What had felt like an hour but was actually only 5 minutes had passed, and a nurse came to get me. They had put my parents in this conference room within ICU. My mom was a mess at this point, shaking and crying over what she had just experienced with her son. Later, I discovered that this was “the room” where you’re told heavy news. I still remember the pattern of the carpet on the floor.

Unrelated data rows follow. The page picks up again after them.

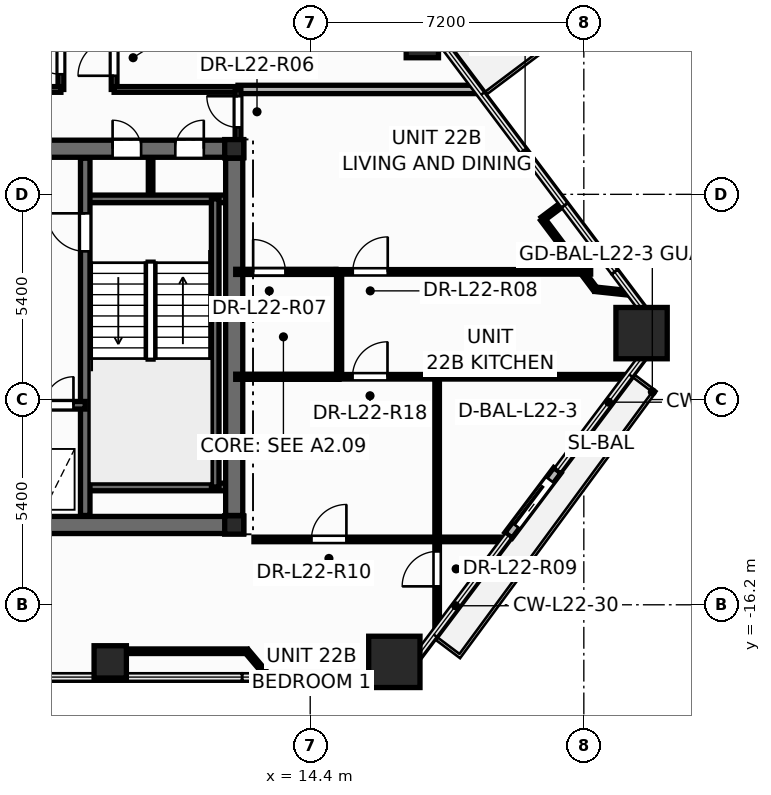
"""IFC4 building model, lengths in metres.
Left out: names, types, materials, properties, quantities, classifications, styles, units other than length and angle.
Written with IfcOpenShell. Run it as: python <this file> out.ifc"""

import sys

from ifc_helpers import new_model, si_unit, direction, frame, frame_2d, origin, origin_2d, place, context, subcontext, project, spatial, rectangle, hollow_rectangle, hollow_circle, i_section, extrude, element, fill, save


model = new_model("IFC4")
c1 = context("Model", 3, precision=1e-05, world=origin(), true_north=direction((0.0, 1.0)))
c2 = subcontext(c1, "Body", "Model", "MODEL_VIEW")
j1 = project(units=[si_unit("LENGTHUNIT", "METRE"), si_unit("PLANEANGLEUNIT", "RADIAN")], contexts=[c1])
p1 = place(None, origin())
s1 = spatial("IfcSite", under=j1, at=p1, CompositionType="ELEMENT")
p2 = place(p1, origin())
s2 = spatial("IfcBuilding", under=s1, at=p2, CompositionType="ELEMENT")
p3 = place(p2, frame((0.0, 0.0, 86.4)))
s3 = spatial("IfcBuildingStorey", under=s2, at=p3, CompositionType="ELEMENT", Elevation=86.4)
for number, where, z_axis, x_axis in (
    (1, (16.614, -17.702, 0.0), (0.0, 0.0, 1.0), (1.0, 0.0, 0.0)),
    (2, (23.119, -9.052, 0.0), (0.0, 0.0, 1.0), (1.0, 0.0, 0.0)),
):
    element("IfcColumn", number, at=place(p3, frame(where, z_axis=z_axis, x_axis=x_axis)), inside=s3, PredefinedType="COLUMN", context=c2, shape_type="SweptSolid", body=[
        extrude(hollow_rectangle(XDim=1.35, YDim=1.35, WallThickness=0.065, at=origin_2d()), origin(), (0.0, 0.0, 1.0), 3.6),
    ])
for number, where, z_axis, x_axis in (
    (3, (9.138, -17.702, 0.0), (0.0, 0.0, 1.0), (1.0, 0.0, 0.0)),
    (4, (17.351, -1.381, 0.0), (0.0, 0.0, 1.0), (1.0, 0.0, 0.0)),
):
    element("IfcColumn", number, at=place(p3, frame(where, z_axis=z_axis, x_axis=x_axis)), inside=s3, PredefinedType="COLUMN", context=c2, shape_type="SweptSolid", body=[
        extrude(hollow_circle(Radius=0.425, WallThickness=0.038, at=origin_2d()), origin(), (0.0, 0.0, 1.0), 3.6),
    ])
for number, where, z_axis, x_axis in (
    (5, (12.4, -14.1, 0.0), (0.0, 0.0, 1.0), (1.0, 0.0, 0.0)),
    (6, (12.4, -4.2, 0.0), (0.0, 0.0, 1.0), (1.0, 0.0, 0.0)),
):
    element("IfcColumn", number, at=place(p3, frame(where, z_axis=z_axis, x_axis=x_axis)), inside=s3, PredefinedType="COLUMN", context=c2, shape_type="SweptSolid", body=[
        extrude(i_section(OverallWidth=0.5, OverallDepth=0.482, WebThickness=0.04, FlangeThickness=0.045, at=origin_2d()), origin(), (0.0, 0.0, 1.0), 3.6),
    ])
p4 = place(p3, frame((19.618, -14.372, -0.015), z_axis=(0.0, 0.0, 1.0), x_axis=(0.601112886626, 0.799164124277, 0.0)))
e7 = element("IfcWall", 7, at=p4, inside=s3, PredefinedType="STANDARD", context=c2, shape_type="SweptSolid", body=[
    extrude(rectangle(XDim=2.14, YDim=0.24, at=frame_2d((1.07, 0.0))), origin(), (0.0, 0.0, 1.0), 2.658),
])
p5 = place(p4, frame((0.32, 0.0, 0.015)))
e8 = element("IfcOpeningElement", 8, at=p5, cuts=e7, PredefinedType="OPENING", context=c2, shape_type="SweptSolid", body=[
    extrude(rectangle(XDim=1.506, YDim=2.204, at=frame_2d((0.75, 1.102))), frame((0.0, 0.13, 0.0), z_axis=(0.0, -1.0, 0.0), x_axis=(1.0, 0.0, 0.0)), (0.0, 0.0, 1.0), 0.26),
])
p6 = place(p3, frame((10.2, -5.52, 0.0), z_axis=(0.0, 0.0, 1.0), x_axis=(0.0, 1.0, 0.0)))
e9 = element("IfcWall", 9, at=p6, inside=s3, PredefinedType="PARTITIONING", context=c2, shape_type="SweptSolid", body=[
    extrude(rectangle(XDim=1.12, YDim=0.12, at=frame_2d((0.56, 0.0))), origin(), (0.0, 0.0, 1.0), 3.28),
])
p7 = place(p3, frame((-12.65, -14.1, 0.0), z_axis=(0.0, 0.0, 1.0), x_axis=(1.0, 0.0, 0.0)))
e10 = element("IfcWall", 10, at=p7, inside=s3, PredefinedType="SHEAR", context=c2, shape_type="SweptSolid", body=[
    extrude(rectangle(XDim=25.3, YDim=0.45, at=frame_2d((12.65, 0.0))), origin(), (0.0, 0.0, 1.0), 3.6),
])
p8 = place(p3, frame((-12.65, -4.2, 0.0), z_axis=(0.0, 0.0, 1.0), x_axis=(1.0, 0.0, 0.0)))
e11 = element("IfcWall", 11, at=p8, inside=s3, PredefinedType="SHEAR", context=c2, shape_type="SweptSolid", body=[
    extrude(rectangle(XDim=25.3, YDim=0.45, at=frame_2d((12.65, 0.0))), origin(), (0.0, 0.0, 1.0), 3.6),
])
p9 = place(p8, frame((1.85, 0.0, 0.0)))
e12 = element("IfcOpeningElement", 12, at=p9, cuts=e11, PredefinedType="OPENING", context=c2, shape_type="SweptSolid", body=[
    extrude(rectangle(XDim=0.756, YDim=2.054, at=frame_2d((0.375, 1.027))), frame((0.0, 0.235, 0.0), z_axis=(0.0, -1.0, 0.0), x_axis=(1.0, 0.0, 0.0)), (0.0, 0.0, 1.0), 0.47),
])
p10 = place(p8, frame((21.85, 0.0, 0.0)))
e13 = element("IfcOpeningElement", 13, at=p10, cuts=e11, PredefinedType="OPENING", context=c2, shape_type="SweptSolid", body=[
    extrude(rectangle(XDim=0.756, YDim=2.054, at=frame_2d((0.375, 1.027))), frame((0.0, 0.235, 0.0), z_axis=(0.0, -1.0, 0.0), x_axis=(1.0, 0.0, 0.0)), (0.0, 0.0, 1.0), 0.47),
])
p11 = place(p8, frame((23.5, 0.0, 0.0)))
e14 = element("IfcOpeningElement", 14, at=p11, cuts=e11, PredefinedType="OPENING", context=c2, shape_type="SweptSolid", body=[
    extrude(rectangle(XDim=0.756, YDim=2.054, at=frame_2d((0.375, 1.027))), frame((0.0, 0.235, 0.0), z_axis=(0.0, -1.0, 0.0), x_axis=(1.0, 0.0, 0.0)), (0.0, 0.0, 1.0), 0.47),
])
p12 = place(p8, frame((5.85, 0.0, 0.0)))
e15 = element("IfcOpeningElement", 15, at=p12, cuts=e11, PredefinedType="OPENING", context=c2, shape_type="SweptSolid", body=[
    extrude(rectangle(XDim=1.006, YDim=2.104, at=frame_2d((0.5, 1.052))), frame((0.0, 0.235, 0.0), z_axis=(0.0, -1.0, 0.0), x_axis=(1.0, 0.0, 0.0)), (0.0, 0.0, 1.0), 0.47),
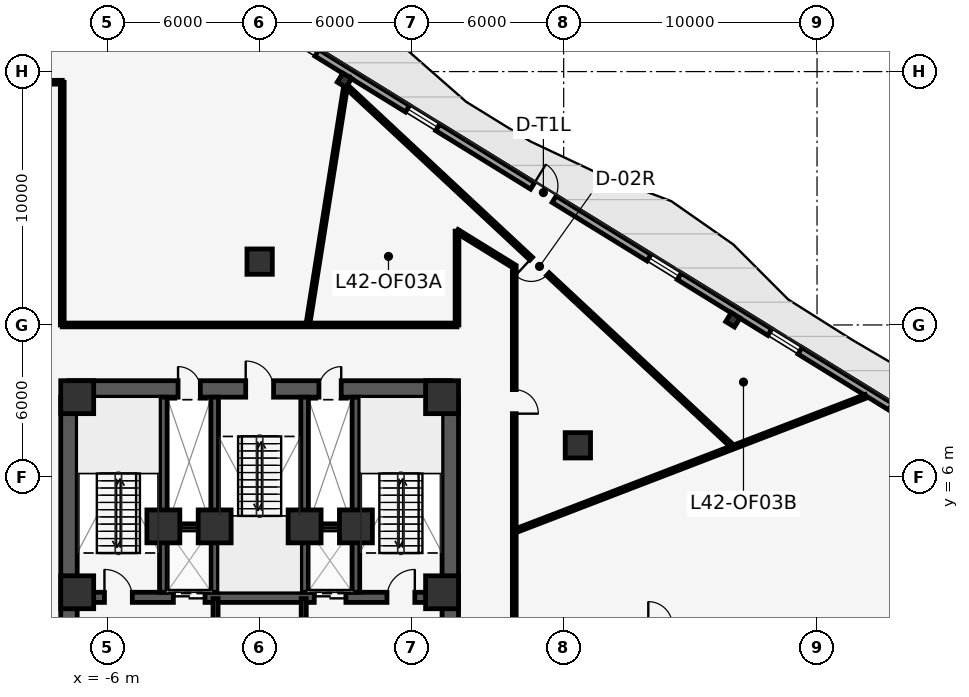
"""IFC4 building model, lengths in metres.
Left out: names, types, materials, properties, quantities, classifications, styles, units other than length and angle.
Written with IfcOpenShell. Run it as: python <this file> out.ifc"""

import sys

from ifc_helpers import new_model, si_unit, direction, frame, frame_2d, origin, origin_2d, place, context, subcontext, project, spatial, rectangle, i_section, extrude, element, fill, save


model = new_model("IFC4")
c1 = context("Model", 3, precision=1e-05, world=origin(), true_north=direction((0.0, 1.0)))
c2 = subcontext(c1, "Body", "Model", "MODEL_VIEW")
j1 = project(units=[si_unit("LENGTHUNIT", "METRE"), si_unit("PLANEANGLEUNIT", "RADIAN")], contexts=[c1])
p1 = place(None, origin())
s1 = spatial("IfcSite", under=j1, at=p1, CompositionType="ELEMENT")
p2 = place(p1, origin())
s2 = spatial("IfcBuilding", under=s1, at=p2, CompositionType="ELEMENT")
p3 = place(p2, frame((0.0, 0.0, 181.9)))
s3 = spatial("IfcBuildingStorey", under=s2, at=p3, CompositionType="ELEMENT", Elevation=181.9)
p4 = place(p3, frame((-7.525, 9.475, 0.0), z_axis=(0.0, 0.0, 1.0), x_axis=(1.0, 0.0, 0.0)))
e1 = element("IfcWall", 1, at=p4, inside=s3, PredefinedType="SHEAR", context=c2, shape_type="SweptSolid", body=[
    extrude(rectangle(XDim=15.05, YDim=0.65, at=frame_2d((7.525, 0.0))), origin(), (0.0, 0.0, 1.0), 3.85),
])
p5 = place(p4, frame((6.975, 0.0, 0.0)))
e2 = element("IfcOpeningElement", 2, at=p5, cuts=e1, PredefinedType="OPENING", context=c2, shape_type="SweptSolid", body=[
    extrude(rectangle(XDim=1.1, YDim=2.15, at=frame_2d((0.55, 1.075))), frame((0.0, 0.335, 0.0), z_axis=(0.0, -1.0, 0.0), x_axis=(1.0, 0.0, 0.0)), (0.0, 0.0, 1.0), 0.67),
])
p6 = place(p4, frame((4.305, 0.0, 0.0)))
e3 = element("IfcOpeningElement", 3, at=p6, cuts=e1, PredefinedType="OPENING", context=c2, shape_type="SweptSolid", body=[
    extrude(rectangle(XDim=0.88, YDim=2.15, at=frame_2d((0.44, 1.075))), frame((0.0, 0.335, 0.0), z_axis=(0.0, -1.0, 0.0), x_axis=(1.0, 0.0, 0.0)), (0.0, 0.0, 1.0), 0.67),
])
p7 = place(p4, frame((9.865, 0.0, 0.0)))
e4 = element("IfcOpeningElement", 4, at=p7, cuts=e1, PredefinedType="OPENING", context=c2, shape_type="SweptSolid", body=[
    extrude(rectangle(XDim=0.88, YDim=2.15, at=frame_2d((0.44, 1.075))), frame((0.0, 0.335, 0.0), z_axis=(0.0, -1.0, 0.0), x_axis=(1.0, 0.0, 0.0)), (0.0, 0.0, 1.0), 0.67),
])
p8 = place(p3, frame((-7.2, 1.25, 0.0), z_axis=(0.0, 0.0, 1.0), x_axis=(1.0, 0.0, 0.0)))
e5 = element("IfcWall", 5, at=p8, inside=s3, PredefinedType="SHEAR", context=c2, shape_type="SweptSolid", body=[
    extrude(rectangle(XDim=14.4, YDim=0.4, at=frame_2d((7.2, 0.0))), origin(), (0.0, 0.0, 1.0), 3.85),
])
p9 = place(p8, frame((3.795, 0.0, 0.0)))
e6 = element("IfcOpeningElement", 6, at=p9, cuts=e5, PredefinedType="OPENING", context=c2, shape_type="SweptSolid", body=[
    extrude(rectangle(XDim=1.25, YDim=2.25, at=frame_2d((0.625, 1.125))), frame((0.0, 0.21, 0.0), z_axis=(0.0, -1.0, 0.0), x_axis=(1.0, 0.0, 0.0)), (0.0, 0.0, 1.0), 0.42),
])
p10 = place(p8, frame((9.355, 0.0, 0.0)))
e7 = element("IfcOpeningElement", 7, at=p10, cuts=e5, PredefinedType="OPENING", context=c2, shape_type="SweptSolid", body=[
    extrude(rectangle(XDim=1.25, YDim=2.25, at=frame_2d((0.625, 1.125))), frame((0.0, 0.21, 0.0), z_axis=(0.0, -1.0, 0.0), x_axis=(1.0, 0.0, 0.0)), (0.0, 0.0, 1.0), 0.42),
])
p11 = place(p8, frame((1.075, 0.0, 0.0)))
e8 = element("IfcOpeningElement", 8, at=p11, cuts=e5, PredefinedType="OPENING", context=c2, shape_type="SweptSolid", body=[
    extrude(rectangle(XDim=1.1, YDim=2.15, at=frame_2d((0.55, 1.075))), frame((0.0, 0.21, 0.0), z_axis=(0.0, -1.0, 0.0), x_axis=(1.0, 0.0, 0.0)), (0.0, 0.0, 1.0), 0.42),
])
p12 = place(p8, frame((12.225, 0.0, 0.0)))
e9 = element("IfcOpeningElement", 9, at=p12, cuts=e5, PredefinedType="OPENING", context=c2, shape_type="SweptSolid", body=[
    extrude(rectangle(XDim=1.1, YDim=2.15, at=frame_2d((0.55, 1.075))), frame((0.0, 0.21, 0.0), z_axis=(0.0, -1.0, 0.0), x_axis=(1.0, 0.0, 0.0)), (0.0, 0.0, 1.0), 0.42),
])
for number, where, z_axis, x_axis in (
    (10, (-3.8, 1.45, 0.0), (0.0, 0.0, 1.0), (0.0, 1.0, 0.0)),
    (11, (-1.775, 1.45, 0.0), (0.0, 0.0, 1.0), (0.0, 1.0, 0.0)),
    (12, (1.775, 1.45, 0.0), (0.0, 0.0, 1.0), (0.0, 1.0, 0.0)),
    (13, (3.8, 1.45, 0.0), (0.0, 0.0, 1.0), (0.0, 1.0, 0.0)),
):
    element("IfcWall", number, at=place(p3, frame(where, z_axis=z_axis, x_axis=x_axis)), inside=s3, PredefinedType="SHEAR", context=c2, shape_type="SweptSolid", body=[
        extrude(rectangle(XDim=7.7, YDim=0.3, at=frame_2d((3.85, 0.0))), origin(), (0.0, 0.0, 1.0), 3.85),
    ])
for number, where, z_axis, x_axis in (
    (14, (-7.525, 0.1, 0.0), (0.0, 0.0, 1.0), (0.0, 1.0, 0.0)),
    (15, (7.525, 0.1, 0.0), (0.0, 0.0, 1.0), (0.0, 1.0, 0.0)),
):
    element("IfcWall", number, at=place(p3, frame(where, z_axis=z_axis, x_axis=x_axis)), inside=s3, PredefinedType="SHEAR", context=c2, shape_type="SweptSolid", body=[
        extrude(rectangle(XDim=9.05, YDim=0.65, at=frame_2d((4.525, 0.0))), origin(), (0.0, 0.0, 1.0), 3.85),
    ])
for number, where, z_axis, x_axis in (
    (16, (7.2, 1.45, 0.0), (0.0, 0.0, 1.0), (1.0, 0.0, 0.0)),
    (17, (7.2, 9.15, 0.0), (0.0, 0.0, 1.0), (1.0, 0.0, 0.0)),
    (18, (-7.2, 9.15, 0.0), (0.0, 0.0, 1.0), (1.0, 0.0, 0.0)),
    (19, (-7.2, 1.45, 0.0), (0.0, 0.0, 1.0), (1.0, 0.0, 0.0)),
    (20, (-3.8, 4.05, 0.0), (0.0, 0.0, 1.0), (1.0, 0.0, 0.0)),
    (21, (3.8, 4.05, 0.0), (0.0, 0.0, 1.0), (1.0, 0.0, 0.0)),
    (22, (-1.775, 4.05, 0.0), (0.0, 0.0, 1.0), (1.0, 0.0, 0.0)),
    (23, (1.775, 4.05, 0.0), (0.0, 0.0, 1.0), (1.0, 0.0, 0.0)),
):
    element("IfcColumn", number, at=place(p3, frame(where, z_axis=z_axis, x_axis=x_axis)), inside=s3, PredefinedType="COLUMN", context=c2, shape_type="SweptSolid", body=[
        extrude(rectangle(XDim=1.3, YDim=1.3, at=origin_2d()), origin(), (0.0, 0.0, 1.0), 4.1),
    ])
for number, where, z_axis, x_axis in (
    (24, (12.56, 7.25, 0.0), (0.0, 0.0, 1.0), (1.0, 0.0, 0.0)),
    (25, (0.0, 14.5, 0.0), (0.0, 0.0, 1.0), (1.0, 0.0, 0.0)),
):
    element("IfcColumn", number, at=place(p3, frame(where, z_axis=z_axis, x_axis=x_axis)), inside=s3, PredefinedType="COLUMN", context=c2, shape_type="SweptSolid", body=[
        extrude(rectangle(XDim=1.0, YDim=1.0, at=origin_2d()), origin(), (0.0, 0.0, 1.0), 4.1),
    ])
for number, where, z_axis, x_axis in (
    (26, (18.679, 12.203, 0.0), (0.0, 0.0, 1.0), (-0.851, 0.525, 0.0)),
    (27, (3.346, 21.655, 0.0), (0.0, 0.0, 1.0), (-0.851, 0.525, 0.0)),
):
    element("IfcColumn", number, at=place(p3, frame(where, z_axis=z_axis, x_axis=x_axis)), inside=s3, PredefinedType="COLUMN", context=c2, shape_type="SweptSolid", body=[
        extrude(i_section(OverallWidth=0.406, OverallDepth=0.417, WebThickness=0.03, FlangeThickness=0.048, at=origin_2d()), origin(), (0.0, 0.0, 1.0), 4.1),
    ])
p13 = place(p3, frame((-12.255, 31.689, 0.0), z_axis=(0.0, 0.0, 1.0), x_axis=(0.851166647402, -0.524895549944, 0.0)))
e28 = element("IfcWall", 28, at=p13, inside=s3, PredefinedType="STANDARD", context=c2, shape_type="SweptSolid", body=[
    extrude(rectangle(XDim=55.111, YDim=0.3, at=frame_2d((27.555, 0.0))), origin(), (0.0, 0.0, 1.0), 3.85),
])
p14 = place(p13, frame((27.055, 0.0, 0.0)))
e29 = element("IfcOpeningElement", 29, at=p14, cuts=e28, PredefinedType="OPENING", context=c2, shape_type="SweptSolid", body=[
    extrude(rectangle(XDim=1.0, YDim=2.15, at=frame_2d((0.5, 1.075))), frame((0.0, 0.16, 0.0), z_axis=(0.0, -1.0, 0.0), x_axis=(1.0, 0.0, 0.0)), (0.0, 0.0, 1.0), 0.32),
])
p15 = place(p13, frame((4.455, 0.0, 0.85)))
e30 = element("IfcOpeningElement", 30, at=p15, cuts=e28, PredefinedType="OPENING", context=c2, shape_type="SweptSolid", body=[
    extrude(rectangle(XDim=1.4, YDim=2.2, at=frame_2d((0.7, 1.1))), frame((0.0, 0.16, 0.0), z_axis=(0.0, -1.0, 0.0), x_axis=(1.0, 0.0, 0.0)), (0.0, 0.0, 1.0), 0.32),
])
p16 = place(p13, frame((10.055, 0.0, 0.85)))
e31 = element("IfcOpeningElement", 31, at=p16, cuts=e28, PredefinedType="OPENING", context=c2, shape_type="SweptSolid", body=[
    extrude(rectangle(XDim=1.4, YDim=2.2, at=frame_2d((0.7, 1.1))), frame((0.0, 0.16, 0.0), z_axis=(0.0, -1.0, 0.0), x_axis=(1.0, 0.0, 0.0)), (0.0, 0.0, 1.0), 0.32),
])
p17 = place(p13, frame((15.655, 0.0, 0.85)))
e32 = element("IfcOpeningElement", 32, at=p17, cuts=e28, PredefinedType="OPENING", context=c2, shape_type="SweptSolid", body=[
    extrude(rectangle(XDim=1.4, YDim=2.2, at=frame_2d((0.7, 1.1))), frame((0.0, 0.16, 0.0), z_axis=(0.0, -1.0, 0.0), x_axis=(1.0, 0.0, 0.0)), (0.0, 0.0, 1.0), 0.32),
])
p18 = place(p13, frame((21.255, 0.0, 0.85)))
e33 = element("IfcOpeningElement", 33, at=p18, cuts=e28, PredefinedType="OPENING", context=c2, shape_type="SweptSolid", body=[
    extrude(rectangle(XDim=1.4, YDim=2.2, at=frame_2d((0.7, 1.1))), frame((0.0, 0.16, 0.0), z_axis=(0.0, -1.0, 0.0), x_axis=(1.0, 0.0, 0.0)), (0.0, 0.0, 1.0), 0.32),
])
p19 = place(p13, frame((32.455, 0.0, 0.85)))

I can’t remember how much time had passed at that point, but I then remember someone from Lifeline of Ohio come to speak to us about organ donation. I was stunned. I looked searchingly at my parents, and I wanted to stand up and demand, “Wait. What in the hell is happening? I thought the doctor’s said he was going to be ok! Is this really happening right now?!” But I couldn’t speak. I couldn’t even move. It felt like I couldn’t breathe. I just looked at my parents, wide eyed and tried to process just what was being said to my mom and dad as this gentleman was asking my parents to sign on this dotted line.

8 years ago, our world got a little smaller. 8 years ago, I became an only child. 8 years ago, my parents experienced every parent’s worst nightmare. 8 years ago, life, as I knew it, was never going to be the same.

Over the past 8 years, a lot has happened. I graduated with my Masters degree and moved 1089 miles south to Sarasota, Florida and began my teaching career. I met my husband. We got married. We switched schools. I donated my hair twice. We traveled to visit friends. We survived 4 hurricanes in one year. We bought a condo, then lost it. I ran 3 marathons. We coached track together. We took our first cruise. We turned 30. We bought Vespa scooters. We had a baby. My husband was named Teacher of the Year. I earned my National Board certification. We moved back to Ohio.

A lot of living has happened in 8 years. I can’t tell you what my first day of teaching my first class was like. I can’t tell you what my husband was wearing when I first met him. I can’t describe how I felt the day my husband asked me to marry him. I can’t tell you what my first taste of crème brulee from our favorite restaurant C’est la Vie tasted like or what the Sarasota beach smells like. But I can tell you everything about the day Paul died. And the days or months that followed. I can describe to you what it was like to wake up every morning for months to my parents crying. I can tell you about how when I stood up to speak at his funeral, everyone was crying before I even spoke and I couldn't even look at my own mother. I can tell you about how I couldn’t get close to anyone for fear that they too, might leave me. I can tell you what I was wearing at the hospital that Sunday morning (red hooded sweatshirt) and I can describe the duffel bag that I packed for my mom and dad since they stayed the night at the hospital. I can tell you what it was like to not be able to sleep for weeks because I couldn’t shut off my brain.

I often wonder how my life would have been different had Paul made it through. I would have never moved to Florida, never met my husband and therefore never had Juliette. In a strange or twisted way, I feel as if I need to thank Paul, for allowing me to grow and experience the things I did after he had gone. I can’t smell his cologne in my car anymore like I used to or feel his presence, but I know he’s somewhere out there in the universe. Thanks, Paulie, for giving me the strength to give just about anything a shot. Thank you, for reminding me that no matter what happens, you've always got family.